Cary Nelson in ATC on the Fast Food University. Was Rem.Class Strug.

Kenneth Mostern kmostern at utk.edu
Tue Jun 2 06:30:53 PDT 1998


Yoshie,

At the level of description of how labor in English departments is demeaned, Nelson tells the truth.

Here are my problems with the Nelson piece: first, he makes no attempt to ascertain what the hiring, workload, or salary practices are in History, or Philosophy, or Classics, let alone theoretical Physics. Since I have recently known people in grad school in all the above both at Berkeley (my Ph.D.: 1995) and here at Tennessee, I have anecdotal, by no means considerable, evidence that nothing special is going on in English. (And given that multidisciplinary grad student unions exist in ten or so places, such information is in fact available to Nelson if he wants to find it. I should add, the union at Berkeley was not my special area of political activity, but it was for many of my friends, and my anecdotes are largely from them.) Second, he doesn't give any argument that would suggest why English departments have the agency to accomplish destruction as no other departments can (which is to say, he makes it appear that English departments rather than administrations have been the main forces behind the current structure). I am not claiming that English Department administrations are blameless, but the picture of English Department administrations as having special moral impurity seems wrong factually and silly politically.

Now, Nelson gives a couple of statistics that show English using more part-timers than other departments. This is easily explained on bases other than our special immorality. First, composition is a course servicing every undergraduate in the US. There is simply no comparable service course in any other discipline, no other situations where a particular department organization services 100% of an introductory requirement for students in every sector of a university. Second, English courses are, on the whole, small (although this is decreasingly true). When statistics show that a higher percentage of History courses are taught by full-time faculty, this fact is produced by the existence of 500 person lecture courses in which essentially all the work is done by TAs, but the "teaching" is supposedly done by the faculty member.

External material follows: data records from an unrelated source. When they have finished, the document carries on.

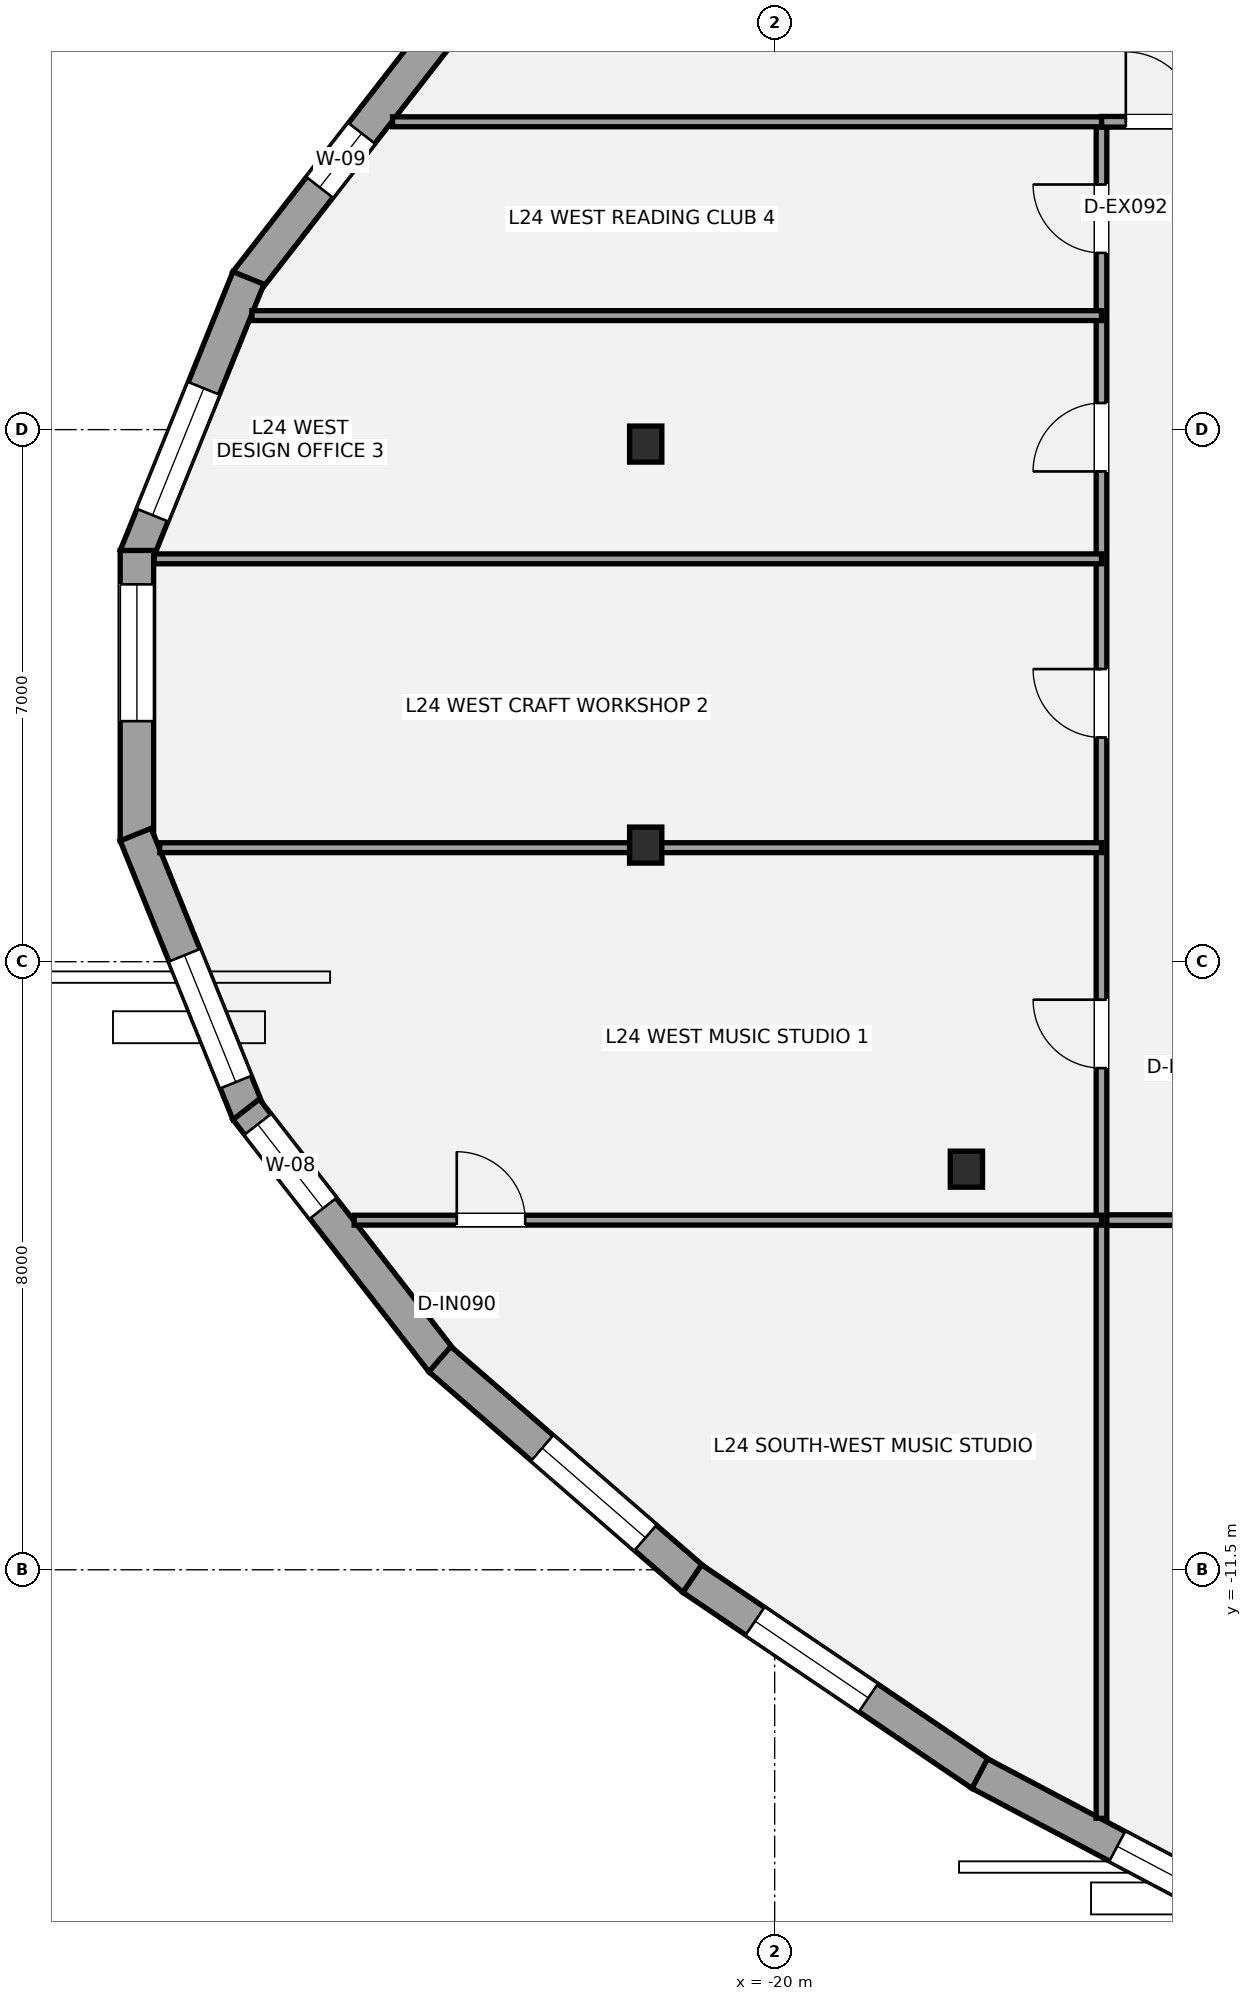
"""IFC4 building model, lengths in metres.
Left out: names, types, materials, properties, quantities, classifications, styles, units other than length and angle.
Written with IfcOpenShell. Run it as: python <this file> out.ifc"""

import sys

from ifc_helpers import new_model, si_unit, direction, frame, frame_2d, origin, origin_2d, place, context, subcontext, project, spatial, rectangle, i_section, extrude, element, fill, save


model = new_model("IFC4")
c1 = context("Model", 3, precision=1e-05, world=origin(), true_north=direction((0.0, 1.0)))
c2 = subcontext(c1, "Body", "Model", "MODEL_VIEW")
j1 = project(units=[si_unit("LENGTHUNIT", "METRE"), si_unit("PLANEANGLEUNIT", "RADIAN")], contexts=[c1])
p1 = place(None, origin())
s1 = spatial("IfcSite", under=j1, at=p1, CompositionType="ELEMENT")
p2 = place(p1, origin())
s2 = spatial("IfcBuilding", under=s1, at=p2, CompositionType="ELEMENT")
p3 = place(p2, frame((0.0, 0.0, 93.1)))
s3 = spatial("IfcBuildingStorey", under=s2, at=p3, CompositionType="ELEMENT", Elevation=93.1)
for number, where, z_axis, x_axis in (
    (1, (-21.697, 3.31, 0.0), (0.0, 0.0, 1.0), (1.0, 0.0, 0.0)),
    (2, (-21.697, -1.966, 0.0), (0.0, 0.0, 1.0), (1.0, 0.0, 0.0)),
    (3, (-17.477, -6.229, 0.0), (0.0, 0.0, 1.0), (1.0, 0.0, 0.0)),
):
    element("IfcColumn", number, at=place(p3, frame(where, z_axis=z_axis, x_axis=x_axis)), inside=s3, PredefinedType="COLUMN", context=c2, shape_type="SweptSolid", body=[
        extrude(i_section(OverallWidth=0.424, OverallDepth=0.474, WebThickness=0.048, FlangeThickness=0.077, at=origin_2d()), origin(), (0.0, 0.0, 1.0), 3.5),
    ])
p4 = place(p3, frame((-26.954, 5.443, 0.0), z_axis=(0.0, 0.0, 1.0), x_axis=(0.61375552181, 0.789496142769, 0.0)))
e4 = element("IfcWall", 4, at=p4, inside=s3, PredefinedType="STANDARD", context=c2, shape_type="SweptSolid", body=[
    extrude(rectangle(XDim=4.201, YDim=0.44, at=frame_2d((2.101, 0.0))), origin(), (0.0, 0.0, 1.0), 2.528),
])
p5 = place(p4, frame((1.577, 0.0, 0.58)))
e5 = element("IfcOpeningElement", 5, at=p5, cuts=e4, PredefinedType="OPENING", context=c2, shape_type="SweptSolid", body=[
    extrude(rectangle(XDim=0.9, YDim=1.35, at=frame_2d((0.45, 0.675))), frame((0.0, 0.23, 0.0), z_axis=(0.0, -1.0, 0.0), x_axis=(1.0, 0.0, 0.0)), (0.0, 0.0, 1.0), 0.46),
])
p6 = place(p3, frame((-28.407, 1.828, 0.0), z_axis=(0.0, 0.0, 1.0), x_axis=(0.374920072969, 0.927057138954, 0.0)))
e6 = element("IfcWall", 6, at=p6, inside=s3, PredefinedType="STANDARD", context=c2, shape_type="SweptSolid", body=[
    extrude(rectangle(XDim=3.957, YDim=0.44, at=frame_2d((1.978, 0.0))), origin(), (0.0, 0.0, 1.0), 2.528),
])
p7 = place(p6, frame((0.59, 0.0, 0.65)))
e7 = element("IfcOpeningElement", 7, at=p7, cuts=e6, PredefinedType="OPENING", context=c2, shape_type="SweptSolid", body=[
    extrude(rectangle(XDim=1.8, YDim=1.7, at=frame_2d((0.9, 0.85))), frame((0.0, 0.23, 0.0), z_axis=(0.0, -1.0, 0.0), x_axis=(1.0, 0.0, 0.0)), (0.0, 0.0, 1.0), 0.46),
])
p8 = place(p3, frame((-28.391, -1.91, 0.0), z_axis=(0.0, 0.0, 1.0), x_axis=(0.0, 1.0, 0.0)))
e8 = element("IfcWall", 8, at=p8, inside=s3, PredefinedType="STANDARD", context=c2, shape_type="SweptSolid", body=[
    extrude(rectangle(XDim=3.82, YDim=0.44, at=frame_2d((1.91, 0.0))), origin(), (0.0, 0.0, 1.0), 2.528),
])
p9 = place(p8, frame((1.575, 0.0, 0.65)))
e9 = element("IfcOpeningElement", 9, at=p9, cuts=e8, PredefinedType="OPENING", context=c2, shape_type="SweptSolid", body=[
    extrude(rectangle(XDim=1.8, YDim=1.7, at=frame_2d((0.9, 0.85))), frame((0.0, 0.23, 0.0), z_axis=(0.0, -1.0, 0.0), x_axis=(1.0, 0.0, 0.0)), (0.0, 0.0, 1.0), 0.46),
])
p10 = place(p3, frame((-26.924, -5.496, 0.0), z_axis=(0.0, 0.0, 1.0), x_axis=(-0.374920072969, 0.927057138954, 0.0)))
e10 = element("IfcWall", 10, at=p10, inside=s3, PredefinedType="STANDARD", context=c2, shape_type="SweptSolid", body=[
    extrude(rectangle(XDim=3.957, YDim=0.44, at=frame_2d((1.978, 0.0))), origin(), (0.0, 0.0, 1.0), 2.528),
])
p11 = place(p10, frame((0.444, 0.0, 0.65)))
e11 = element("IfcOpeningElement", 11, at=p11, cuts=e10, PredefinedType="OPENING", context=c2, shape_type="SweptSolid", body=[
    extrude(rectangle(XDim=1.8, YDim=1.7, at=frame_2d((0.9, 0.85))), frame((0.0, 0.23, 0.0), z_axis=(0.0, -1.0, 0.0), x_axis=(1.0, 0.0, 0.0)), (0.0, 0.0, 1.0), 0.46),
])
p12 = place(p3, frame((-24.376, -8.76, 0.0), z_axis=(0.0, 0.0, 1.0), x_axis=(-0.61375552181, 0.789496142769, 0.0)))
e12 = element("IfcWall", 12, at=p12, inside=s3, PredefinedType="STANDARD", context=c2, shape_type="SweptSolid", body=[
    extrude(rectangle(XDim=4.201, YDim=0.44, at=frame_2d((2.101, 0.0))), origin(), (0.0, 0.0, 1.0), 2.528),
])
p13 = place(p12, frame((2.552, 0.0, 0.58)))
e13 = element("IfcOpeningElement", 13, at=p13, cuts=e12, PredefinedType="OPENING", context=c2, shape_type="SweptSolid", body=[
    extrude(rectangle(XDim=1.4, YDim=1.55, at=frame_2d((0.7, 0.775))), frame((0.0, 0.23, 0.0), z_axis=(0.0, -1.0, 0.0), x_axis=(1.0, 0.0, 0.0)), (0.0, 0.0, 1.0), 0.46),
])
p14 = place(p3, frame((-21.063, -11.632, 0.0), z_axis=(0.0, 0.0, 1.0), x_axis=(-0.754922454992, 0.655814064312, 0.0)))
e14 = element("IfcWall", 14, at=p14, inside=s3, PredefinedType="STANDARD", context=c2, shape_type="SweptSolid", body=[
    extrude(rectangle(XDim=4.427, YDim=0.44, at=frame_2d((2.213, 0.0))), origin(), (0.0, 0.0, 1.0), 2.528),
])
p15 = place(p14, frame((0.843, 0.0, 0.65)))
e15 = element("IfcOpeningElement", 15, at=p15, cuts=e14, PredefinedType="OPENING", context=c2, shape_type="SweptSolid", body=[
    extrude(rectangle(XDim=1.8, YDim=1.7, at=frame_2d((0.9, 0.85))), frame((0.0, 0.23, 0.0), z_axis=(0.0, -1.0, 0.0), x_axis=(1.0, 0.0, 0.0)), (0.0, 0.0, 1.0), 0.46),
])
p16 = place(p3, frame((-17.281, -14.193, 0.0), z_axis=(0.0, 0.0, 1.0), x_axis=(-0.827749911298, 0.561097214701, 0.0)))
e16 = element("IfcWall", 16, at=p16, inside=s3, PredefinedType="STANDARD", context=c2, shape_type="SweptSolid", body=[
    extrude(rectangle(XDim=4.594, YDim=0.44, at=frame_2d((2.297, 0.0))), origin(), (0.0, 0.0, 1.0), 2.528),
])
p17 = place(p16, frame((1.796, 0.0, 0.65)))
e17 = element("IfcOpeningElement", 17, at=p17, cuts=e16, PredefinedType="OPENING", context=c2, shape_type="SweptSolid", body=[
    extrude(rectangle(XDim=1.8, YDim=1.7, at=frame_2d((0.9, 0.85))), frame((0.0, 0.23, 0.0), z_axis=(0.0, -1.0, 0.0), x_axis=(1.0, 0.0, 0.0)), (0.0, 0.0, 1.0), 0.46),
])
p18 = place(p3, frame((-13.019, -16.446, 0.0), z_axis=(0.0, 0.0, 1.0), x_axis=(-0.88395333318, 0.467575132743, 0.0)))
e18 = element("IfcWall", 18, at=p18, inside=s3, PredefinedType="STANDARD", context=c2, shape_type="SweptSolid", body=[
    extrude(rectangle(XDim=4.845, YDim=0.44, at=frame_2d((2.422, 0.0))), origin(), (0.0, 0.0, 1.0), 2.528),
])
p19 = place(p18, frame((0.998, 0.0, 0.65)))
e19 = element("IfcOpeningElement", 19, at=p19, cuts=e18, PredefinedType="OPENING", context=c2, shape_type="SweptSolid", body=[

Please understand that I am not then defending the structure of English departments as good. The basic charge - that teaching labor is being proletarianized in a way that has never been true before, and that English departments are part of this, is entirely true. Here at UT, and to the shock of people who have never heard a junior faculty member open his mouth before, I loudly advocate 1-1 teaching loads for grad students at the pay they currently receive for 2-2, and the elimination of the position of Instructor: I actually don't have major problems with faculty teaching loads being flexible and dependent on active research, especially since its not like every piece of research produced by someone at Tennessee is an unambiguous social good. But all 4-4 teachers, whatever the reason they were hired, should be paid as faculty and tenurable as faculty. (The main thing opening my mouth has accomplished, of course, is the sense that there's no way I'll ever have an administrative position. Which may be just as well . . .)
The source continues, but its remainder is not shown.